比出身,他稳胜对方一筹,比级别,那就不太好说了,可是要说比地位,人家地位不算高,却是天子近臣,这拒绝的嘴,哪里能随便张得开?
尤其是,他现在基本上也是游离在核心官场之外,他并不是指望一定能借此讨好了一号,然而,办一件事情不能有始有终的话,一旦传出去了,对他黄老二的名声有损啊——人活着,可不就是活个自在和体面吗?
想来想去,他还是觉得事情有点难办,索性是心一横,得了,我这么跑前跑后的,也是为老爷子张罗不是?还是跟老爷子说一声吧。

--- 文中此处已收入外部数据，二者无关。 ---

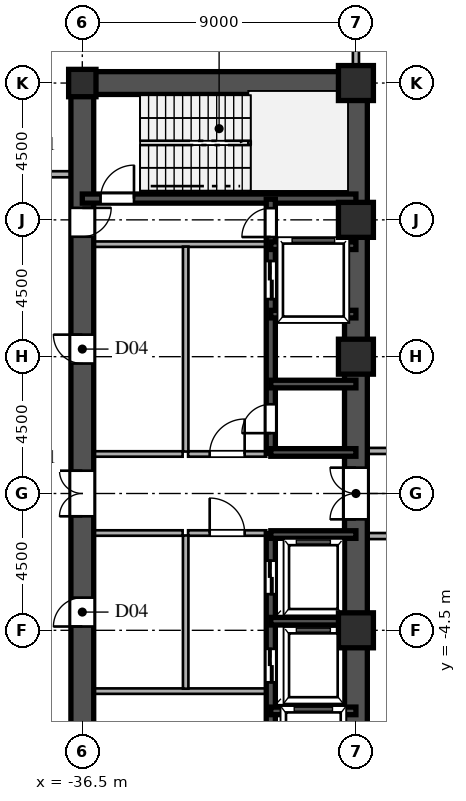
"""IFC4 building model, lengths in metres.
Left out: names, types, materials, properties, quantities, classifications, styles, units other than length and angle.
Written with IfcOpenShell. Run it as: python <this file> out.ifc"""

import sys

from ifc_helpers import new_model, si_unit, direction, frame, frame_2d, origin, origin_2d, place, context, subcontext, project, spatial, rectangle, hollow_rectangle, i_section, extrude, source, transform, mapped, element, fill, save


model = new_model("IFC4")
c1 = context("Model", 3, precision=1e-05, world=origin(), true_north=direction((0.0, 1.0)))
c2 = subcontext(c1, "Body", "Model", "MODEL_VIEW")
j1 = project(units=[si_unit("LENGTHUNIT", "METRE"), si_unit("PLANEANGLEUNIT", "RADIAN")], contexts=[c1])
p1 = place(None, origin())
s1 = spatial("IfcSite", under=j1, at=p1, CompositionType="ELEMENT")
p2 = place(p1, origin())
s2 = spatial("IfcBuilding", under=s1, at=p2, CompositionType="ELEMENT")
p3 = place(p2, frame((0.0, 0.0, -4.8)))
s3 = spatial("IfcBuildingStorey", under=s2, at=p3, CompositionType="ELEMENT", Elevation=-4.8)
m1 = source(origin(), c2, "Body", "SweptSolid", [
    extrude(hollow_rectangle(XDim=1.15, YDim=1.15, WallThickness=0.048, at=origin_2d()), origin(), (0.0, 0.0, 1.0), 4.8),
])
for number, where, z_axis, x_axis in (
    (1, (-27.5, -4.5, 0.0), (0.0, 0.0, 1.0), (1.0, 0.0, 0.0)),
    (2, (-27.5, 4.5, 0.0), (0.0, 0.0, 1.0), (1.0, 0.0, 0.0)),
    (3, (-27.5, 9.0, 0.0), (0.0, 0.0, 1.0), (1.0, 0.0, 0.0)),
    (4, (-27.5, 13.5, 0.0), (0.0, 0.0, 1.0), (1.0, 0.0, 0.0)),
):
    element("IfcColumn", number, at=place(p3, frame(where, z_axis=z_axis, x_axis=x_axis)), inside=s3, PredefinedType="COLUMN", context=c2, shape_type="MappedRepresentation", body=[
        mapped(m1, transform((0.0, 0.0, 0.0), scale=1.0)),
    ])
m2 = source(origin(), c2, "Body", "SweptSolid", [
    extrude(i_section(OverallWidth=0.9, OverallDepth=0.9, WebThickness=0.036, FlangeThickness=0.055, at=origin_2d()), origin(), (0.0, 0.0, 1.0), 4.8),
])
p4 = place(p3, frame((-36.5, 13.5, 0.0), z_axis=(0.0, 0.0, 1.0), x_axis=(1.0, 0.0, 0.0)))
e5 = element("IfcColumn", 5, at=p4, inside=s3, PredefinedType="COLUMN", context=c2, shape_type="MappedRepresentation", body=[
    mapped(m2, transform((0.0, 0.0, 0.0), scale=1.0)),
])
for number, where, z_axis, x_axis in (
    (6, (-27.5, -13.5, 0.0), (0.0, 0.0, 1.0), (0.0, 1.0, 0.0)),
    (7, (-27.5, 1.3, 0.0), (0.0, 0.0, 1.0), (0.0, 1.0, 0.0)),
):
    element("IfcWall", number, at=place(p3, frame(where, z_axis=z_axis, x_axis=x_axis)), inside=s3, PredefinedType="SHEAR", context=c2, shape_type="SweptSolid", body=[
        extrude(rectangle(XDim=12.2, YDim=0.75, at=frame_2d((6.1, 0.0))), origin(), (0.0, 0.0, 1.0), 4.52),
    ])
p5 = place(p3, frame((-27.5, -1.3, 0.0), z_axis=(0.0, 0.0, 1.0), x_axis=(0.0, 1.0, 0.0)))
e8 = element("IfcWall", 8, at=p5, inside=s3, PredefinedType="SHEAR", context=c2, shape_type="SweptSolid", body=[
    extrude(rectangle(XDim=2.6, YDim=0.75, at=frame_2d((1.3, 0.0))), origin(), (0.0, 0.0, 1.0), 4.52),
])
p6 = place(p5, frame((0.45, 0.0, 0.0)))
e9 = element("IfcOpeningElement", 9, at=p6, cuts=e8, PredefinedType="OPENING", context=c2, shape_type="SweptSolid", body=[
    extrude(rectangle(XDim=1.7, YDim=2.35, at=frame_2d((0.85, 1.175))), frame((0.0, 0.385, 0.0), z_axis=(0.0, -1.0, 0.0), x_axis=(1.0, 0.0, 0.0)), (0.0, 0.0, 1.0), 0.77),
])
p7 = place(p3, frame((-36.5, 13.5, 0.0), z_axis=(0.0, 0.0, 1.0), x_axis=(1.0, 0.0, 0.0)))
e10 = element("IfcWall", 10, at=p7, inside=s3, PredefinedType="SHEAR", context=c2, shape_type="SweptSolid", body=[
    extrude(rectangle(XDim=9.0, YDim=0.75, at=frame_2d((4.5, 0.0))), origin(), (0.0, 0.0, 1.0), 4.52),
])
p8 = place(p3, frame((-36.5, -13.65, 0.0), z_axis=(0.0, 0.0, 1.0), x_axis=(0.0, 1.0, 0.0)))
e11 = element("IfcWall", 11, at=p8, inside=s3, PredefinedType="SHEAR", context=c2, shape_type="SweptSolid", body=[
    extrude(rectangle(XDim=7.15, YDim=0.75, at=frame_2d((3.575, 0.0))), origin(), (0.0, 0.0, 1.0), 4.52),
])
p9 = place(p8, frame((4.675, 0.0, 0.0)))
e12 = element("IfcOpeningElement", 12, at=p9, cuts=e11, PredefinedType="OPENING", context=c2, shape_type="SweptSolid", body=[
    extrude(rectangle(XDim=1.15, YDim=2.2, at=frame_2d((0.575, 1.1))), frame((0.0, 0.385, 0.0), z_axis=(0.0, -1.0, 0.0), x_axis=(1.0, 0.0, 0.0)), (0.0, 0.0, 1.0), 0.77),
])
p10 = place(p3, frame((-36.5, -1.3, 0.0), z_axis=(0.0, 0.0, 1.0), x_axis=(0.0, 1.0, 0.0)))
e13 = element("IfcWall", 13, at=p10, inside=s3, PredefinedType="SHEAR", context=c2, shape_type="SweptSolid", body=[
    extrude(rectangle(XDim=2.6, YDim=0.75, at=frame_2d((1.3, 0.0))), origin(), (0.0, 0.0, 1.0), 4.52),
])
p11 = place(p10, frame((0.55, 0.0, 0.0)))
e14 = element("IfcOpeningElement", 14, at=p11, cuts=e13, PredefinedType="OPENING", context=c2, shape_type="SweptSolid", body=[
    extrude(rectangle(XDim=1.5, YDim=2.3, at=frame_2d((0.75, 1.15))), frame((0.0, 0.385, 0.0), z_axis=(0.0, -1.0, 0.0), x_axis=(1.0, 0.0, 0.0)), (0.0, 0.0, 1.0), 0.77),
])
p12 = place(p3, frame((-36.5, 8.2, 0.0), z_axis=(0.0, 0.0, 1.0), x_axis=(0.0, 1.0, 0.0)))
e15 = element("IfcWall", 15, at=p12, inside=s3, PredefinedType="SHEAR", context=c2, shape_type="SweptSolid", body=[
    extrude(rectangle(XDim=5.45, YDim=0.75, at=frame_2d((2.725, 0.0))), origin(), (0.0, 0.0, 1.0), 4.52),
])
p13 = place(p12, frame((0.245, 0.0, 0.0)))
e16 = element("IfcOpeningElement", 16, at=p13, cuts=e15, PredefinedType="OPENING", context=c2, shape_type="SweptSolid", body=[
    extrude(rectangle(XDim=0.95, YDim=2.15, at=frame_2d((0.475, 1.075))), frame((0.0, 0.385, 0.0), z_axis=(0.0, -1.0, 0.0), x_axis=(1.0, 0.0, 0.0)), (0.0, 0.0, 1.0), 0.77),
])
p14 = place(p3, frame((-36.5, -6.5, 0.0), z_axis=(0.0, 0.0, 1.0), x_axis=(0.0, 1.0, 0.0)))
e17 = element("IfcWall", 17, at=p14, inside=s3, PredefinedType="SHEAR", context=c2, shape_type="SweptSolid", body=[
    extrude(rectangle(XDim=5.2, YDim=0.75, at=frame_2d((2.6, 0.0))), origin(), (0.0, 0.0, 1.0), 4.52),
])
p15 = place(p14, frame((2.125, 0.0, 0.0)))
e18 = element("IfcOpeningElement", 18, at=p15, cuts=e17, PredefinedType="OPENING", context=c2, shape_type="SweptSolid", body=[
    extrude(rectangle(XDim=0.95, YDim=2.15, at=frame_2d((0.475, 1.075))), frame((0.0, 0.385, 0.0), z_axis=(0.0, -1.0, 0.0), x_axis=(1.0, 0.0, 0.0)), (0.0, 0.0, 1.0), 0.77),
])
p16 = place(p3, frame((-36.5, 1.3, 0.0), z_axis=(0.0, 0.0, 1.0), x_axis=(0.0, 1.0, 0.0)))
e19 = element("IfcWall", 19, at=p16, inside=s3, PredefinedType="SHEAR", context=c2, shape_type="SweptSolid", body=[
    extrude(rectangle(XDim=6.9, YDim=0.75, at=frame_2d((3.45, 0.0))), origin(), (0.0, 0.0, 1.0), 4.52),
])
p17 = place(p16, frame((2.975, 0.0, 0.0)))
e20 = element("IfcOpeningElement", 20, at=p17, cuts=e19, PredefinedType="OPENING", context=c2, shape_type="SweptSolid", body=[
    extrude(rectangle(XDim=0.95, YDim=2.15, at=frame_2d((0.475, 1.075))), frame((0.0, 0.385, 0.0), z_axis=(0.0, -1.0, 0.0), x_axis=(1.0, 0.0, 0.0)), (0.0, 0.0, 1.0), 0.77),
])
p18 = place(p3, frame((-36.5, 9.7, 0.0), z_axis=(0.0, 0.0, 1.0), x_axis=(1.0, 0.0, 0.0)))
e21 = element("IfcWall", 21, at=p18, inside=s3, PredefinedType="SHEAR", context=c2, shape_type="SweptSolid", body=[
    extrude(rectangle(XDim=9.0, YDim=0.3, at=frame_2d((4.5, 0.0))), origin(), (0.0, 0.0, 1.0), 4.52),
])
p19 = place(p18, frame((0.6, 0.0, 0.0)))
e22 = element("IfcOpeningElement", 22, at=p19, cuts=e21, PredefinedType="OPENING", context=c2, shape_type="SweptSolid", body=[
    extrude(rectangle(XDim=1.1, YDim=2.2, at=frame_2d((0.55, 1.1))), frame((0.0, 0.16, 0.0), z_axis=(0.0, -1.0, 0.0), x_axis=(1.0, 0.0, 0.0)), (0.0, 0.0, 1.0), 0.32),
])
for number, where, z_axis, x_axis in (
    (23, (-30.3, -7.15, 0.0), (0.0, 0.0, 1.0), (1.0, 0.0, 0.0)),
    (24, (-30.3, -4.2, 0.0), (0.0, 0.0, 1.0), (1.0, 0.0, 0.0)),
    (25, (-30.3, -1.35, 0.0), (0.0, 0.0, 1.0), (1.0, 0.0, 0.0)),
    (26, (-30.3, 1.35, 0.0), (0.0, 0.0, 1.0), (1.0, 0.0, 0.0)),
    (27, (-30.3, 3.6, 0.0), (0.0, 0.0, 1.0), (1.0, 0.0, 0.0)),
    (28, (-30.3, 5.9, 0.0), (0.0, 0.0, 1.0), (1.0, 0.0, 0.0)),
    (29, (-30.3, 8.15, 0.0), (0.0, 0.0, 1.0), (1.0, 0.0, 0.0)),
):
    element("IfcWall", number, at=place(p3, frame(where, z_axis=z_axis, x_axis=x_axis)), inside=s3, PredefinedType="SHEAR", context=c2, shape_type="SweptSolid", body=[
        extrude(rectangle(XDim=2.8, YDim=0.25, at=frame_2d((1.4, 0.0))), origin(), (0.0, 0.0, 1.0), 4.52),
    ])
p20 = place(p3, frame((-30.3, -9.68, 0.0), z_axis=(0.0, 0.0, 1.0), x_axis=(0.0, 1.0, 0.0)))
e30 = element("IfcWall", 30, at=p20, inside=s3, PredefinedType="SHEAR", context=c2, shape_type="SweptSolid", body=[
    extrude(rectangle(XDim=2.56, YDim=0.3, at=frame_2d((1.28, 0.0))), origin(), (0.0, 0.0, 1.0), 4.52),
])
p21 = place(p20, frame((0.68, 0.0, 0.0)))
e31 = element("IfcOpeningElement", 31, at=p21, cuts=e30, PredefinedType="OPENING", context=c2, shape_type="SweptSolid", body=[
    extrude(rectangle(XDim=1.2, YDim=2.25, at=frame_2d((0.6, 1.125))), frame((0.0, 0.16, 0.0), z_axis=(0.0, -1.0, 0.0), x_axis=(1.0, 0.0, 0.0)), (0.0, 0.0, 1.0), 0.32),
])
p22 = place(p3, frame((-30.3, -7.12, 0.0), z_axis=(0.0, 0.0, 1.0), x_axis=(0.0, 1.0, 0.0)))
e32 = element("IfcWall", 32, at=p22, inside=s3, PredefinedType="SHEAR", context=c2, shape_type="SweptSolid", body=[
    extrude(rectangle(XDim=2.92, YDim=0.3, at=frame_2d((1.46, 0.0))), origin(), (0.0, 0.0, 1.0), 4.52),
])
p23 = place(p22, frame((0.91, 0.0, 0.0)))
e33 = element("IfcOpeningElement", 33, at=p23, cuts=e32, PredefinedType="OPENING", context=c2, shape_type="SweptSolid", body=[
    extrude(rectangle(XDim=1.1, YDim=2.2, at=frame_2d((0.55, 1.1))), frame((0.0, 0.16, 0.0), z_axis=(0.0, -1.0, 0.0), x_axis=(1.0, 0.0, 0.0)), (0.0, 0.0, 1.0), 0.32),
])
p24 = place(p3, frame((-30.3, -4.2, 0.0), z_axis=(0.0, 0.0, 1.0), x_axis=(0.0, 1.0, 0.0)))
e34 = element("IfcWall", 34, at=p24, inside=s3, PredefinedType="SHEAR", context=c2, shape_type="SweptSolid", body=[
    extrude(rectangle(XDim=2.88, YDim=0.3, at=frame_2d((1.44, 0.0))), origin(), (0.0, 0.0, 1.0), 4.52),
])
p25 = place(p24, frame((0.89, 0.0, 0.0)))
e35 = element("IfcOpeningElement", 35, at=p25, cuts=e34, PredefinedType="OPENING", context=c2, shape_type="SweptSolid", body=[
    extrude(rectangle(XDim=1.1, YDim=2.2, at=frame_2d((0.55, 1.1))), frame((0.0, 0.16, 0.0), z_axis=(0.0, -1.0, 0.0), x_axis=(1.0, 0.0, 0.0)), (0.0, 0.0, 1.0), 0.32),
])
p26 = place(p3, frame((-30.3, 1.32, 0.0), z_axis=(0.0, 0.0, 1.0), x_axis=(0.0, 1.0, 0.0)))
e36 = element("IfcWall", 36, at=p26, inside=s3, PredefinedType="SHEAR", context=c2, shape_type="SweptSolid", body=[
    extrude(rectangle(XDim=2.28, YDim=0.3, at=frame_2d((1.14, 0.0))), origin(), (0.0, 0.0, 1.0), 4.52),
])
p27 = place(p26, frame((0.665, 0.0, 0.0)))
e37 = element("IfcOpeningElement", 37, at=p27, cuts=e36, PredefinedType="OPENING", context=c2, shape_type="SweptSolid", body=[
    extrude(rectangle(XDim=0.95, YDim=2.15, at=frame_2d((0.475, 1.075))), frame((0.0, 0.16, 0.0), z_axis=(0.0, -1.0, 0.0), x_axis=(1.0, 0.0, 0.0)), (0.0, 0.0, 1.0), 0.32),
])
p28 = place(p3, frame((-30.3, 3.6, 0.0), z_axis=(0.0, 0.0, 1.0), x_axis=(0.0, 1.0, 0.0)))
e38 = element("IfcWall", 38, at=p28, inside=s3, PredefinedType="SHEAR", context=c2, shape_type="SweptSolid", body=[
    extrude(rectangle(XDim=2.3, YDim=0.3, at=frame_2d((1.15, 0.0))), origin(), (0.0, 0.0, 1.0), 4.52),
])
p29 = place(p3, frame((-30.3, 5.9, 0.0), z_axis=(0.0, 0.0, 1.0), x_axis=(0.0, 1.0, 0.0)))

黄老吃了三聚氰胺……哦不,吃了那药丸以后,精神头还确实不错,保健医生都说了,现在首长身体机能的各项指标,跟五年前的类似,也就是说保养得当的话,再活五年问题不大。
而这药丸还有六颗半——其中半颗用来做测试了,下一个五年,还得测试半颗,对药效什么的再次进行分析,以防药丸因时日过久,药性出现什么变化,这就是说,八颗药丸实在太少了。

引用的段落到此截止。